I'm not quite sure what you are asking me to correct. iPlex is a combination of two proteins, IGF-1 and BP3 and iPlex mimics the way in which IGF-1 would normally circulate in the bloodstream. IGF-1 has a very high affinity for this specific binding protein BP3 has extremely high affinity. And what we do is we manufacture the two individual proteins in a recombinant -- by recombinant means, and then as a result of high affinity association we have a complex in the vial which is essentially a single molecular entity as a result of this high affinity association between the two proteins. So they are not floating around the vial as individual components.

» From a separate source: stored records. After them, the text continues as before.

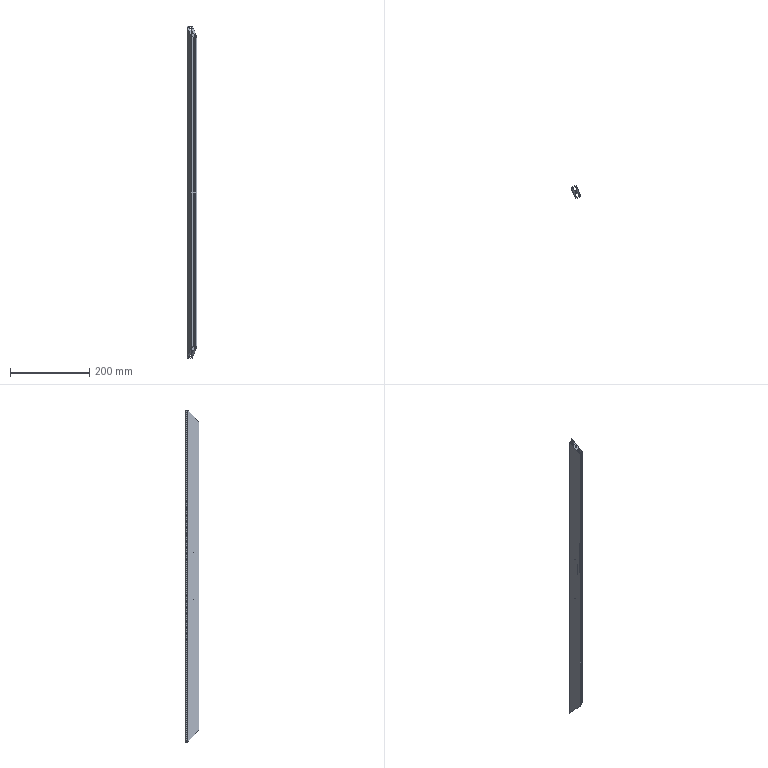Component | SolidWorks | GuardDoor-1_3015-840-1 | 1 solid | 38 faces | box 25.09 x 33.43 x 840 mm | volume 205791 mm3 | plane 32 | cylinder 6 | commonest cylinder face diameters 1 x4 5 x2
build123d program:
from build123d import *

# Parameters (mm, degrees)
SKETCH1_R           = 2.5
BOSS_EXTRUDE1_DEPTH = 840
CUT_EXTRUDE1_DEPTH  = 37
CUT_EXTRUDE2_DEPTH  = 21
SKETCH4_R           = 0.5
CUT_EXTRUDE3_DEPTH  = 0.5


with BuildPart() as part:
    # Sketch1 → Boss-Extrude1 (new body)
    with BuildSketch(Plane.XY):
        Polygon((0, 0), (30, 0), (30, -4.35), (27.5, -4.35), (27.5, -2.35), (22, -2.35), (22, -4.35), (19.5, -4.35), (19.5, -10.65), (22, -10.65), (22, -12.65), (27.5, -12.65), (27.5, -10.65), (30, -10.65), (30, -15), (0, -15), (0, -10.65), (2.5, -10.65), (2.5, -12.65), (8, -12.65), (8, -10.65), (10.5, -10.65), (10.5, -4.35), (8, -4.35), (8, -2.35), (2.5, -2.35), (2.5, -4.35), (0, -4.35), align=None)
        with Locations((15, -7.5)):
            Circle(SKETCH1_R, mode=Mode.SUBTRACT)
    extrude(amount=BOSS_EXTRUDE1_DEPTH)

    # Sketch2 → Cut-Extrude1 (cut)
    with BuildSketch(Plane(origin=(0, 0, 0), x_dir=(1, 0, 0), z_dir=(0, 1, 0))):
        Polygon((30, 0), (30, -30), (0, 0), align=None)
    extrude(amount=-CUT_EXTRUDE1_DEPTH, mode=Mode.SUBTRACT)

    # Sketch3 → Cut-Extrude2 (cut)
    with BuildSketch(Plane(origin=(0, 0, 0), x_dir=(1, 0, 0), z_dir=(0, 1, 0))):
        Polygon((0, -840), (30, -810), (30, -840), align=None)
    extrude(amount=-CUT_EXTRUDE2_DEPTH, mode=Mode.SUBTRACT)

    # Sketch4 → Cut-Extrude3 (cut)
    with BuildSketch(Plane(origin=(0, 0, 0), x_dir=(1, 0, 0), z_dir=(0, 1, 0))):
        with Locations(Location((15, -360, 0), (0, 0, 270))):
            Circle(SKETCH4_R)
        with Locations(Location((15, -480, 0), (0, 0, 270))):
            Circle(SKETCH4_R)
    extrude(amount=-CUT_EXTRUDE3_DEPTH, mode=Mode.SUBTRACT)


solid = part.part

# Placed as in the assembly
solid = solid.moved(Location((861.238, 1157.201, 420), (180, 0, 68.155)))
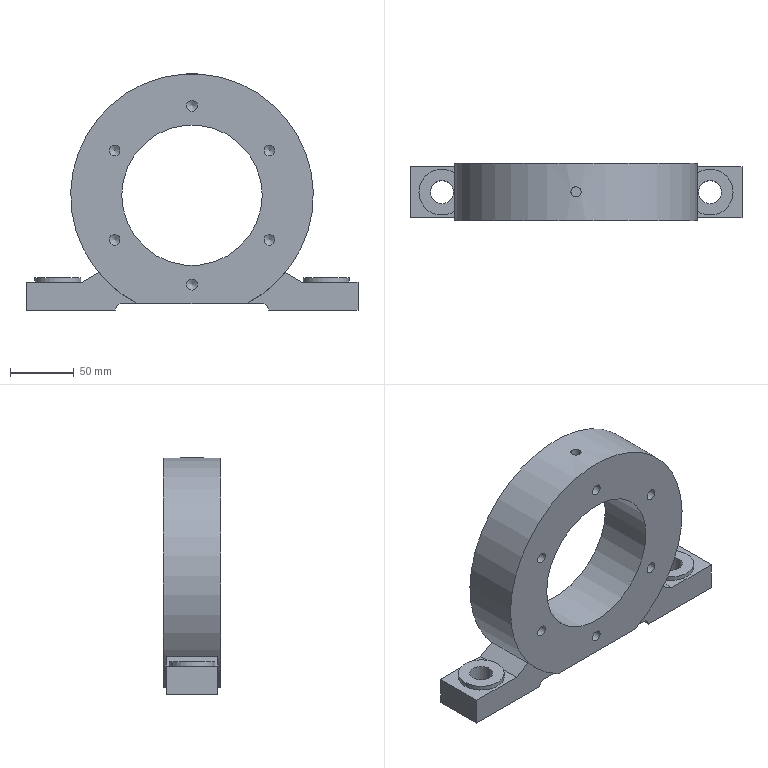Component | NX | BEARING_HOUSING | 1 solid | 50 faces | volume 939067 mm3 | cylinder 21 | plane 17 | cone 12 | commonest cylinder face diameters 8.5 x12 36 x2 18 x2 10 x2 190 x1 110 x1 8 x1

Okay, that is what I was asking you to correct. So thank you. The next one is that I'm sure you are familiar that sometime back I believe it was in the May timeframe, Tercica put out an 8-K thing that the FDA had told them that your drug and their drug were essentially the same drug. But when the FDA, after they approved Increlex in their documentation what they actually say is that they determined that IGF-1 is the active moray (ph) of interest in this case, not explicitly saying that they are the same drug. Are those two statements synonymous?

I can't really comment on what other statements you are referring to, all I can say as I said a few moments ago that the FDA has not yet determined whether the approval and granting of orphan exclusivity for Increlex for this particular indication will block the approval of iPlex. And the agency is still considering this issue.

Okay, fair enough. A couple of others. Is IGF-1 produced in the yeast the same or different than IGF-1 produced in E. coli, are they exactly the same?

We produce our IGF-1 in E. coli and that is the only system we are particularly interested in at this time. We have had very little experience if any in the production of IGF in yeast. So I really can't comment on what the differences would likely be.

In some of your marketing presentations you cite a paper by Clements and I believe you're actually one of the authors on that paper, was the IGF used in that produced in E. coli?

I'm sorry, I'm not sure what paper you are referring to. (multiple speakers) a very recent paper by Dr. Clemmons?

Yes, by Dr. Clemmons, Moses, Sommer, Jacobsen, --

Sorry, that paper the studies were described in that paper utilized our iPlex product, yes. And that was produced in E. coli.

And the slide I'm referring to actually talks about there being a very, very highly significant difference in the occurrence of severe adverse affects with the SomatoKine being much, much lower than free IGF, am I reading that correctly?

I have not looked at that paper for sometime; I believe Dr. Clements did make, did draw conclusions of that nature.

Okay. Because what I'm getting at is that I have heard some statements that there is no scientific evidence that your drug is, has a better safety profile than free IGF. But there is actually a paper out in the literature that does say that and you are one of the authors, so I was hoping you could provide some color on that.

We have provided our NDA and the data sent to the FDA and they will make that determination.

Okay, that is it for me. Thanks.

Ladies and gentlemen, this will conclude today's question and answer session. At this time I like to turn the conference back to the speakers for any additional or closing remarks.

Once again, ladies and gentlemen, thank you for listening and we as always look forward to informing you of our activities and will do so on the next conference call. Thank you.

Ladies and gentlemen, this does conclude today's teleconference. We appreciate your participation and you may disconnect your phone lines at this time.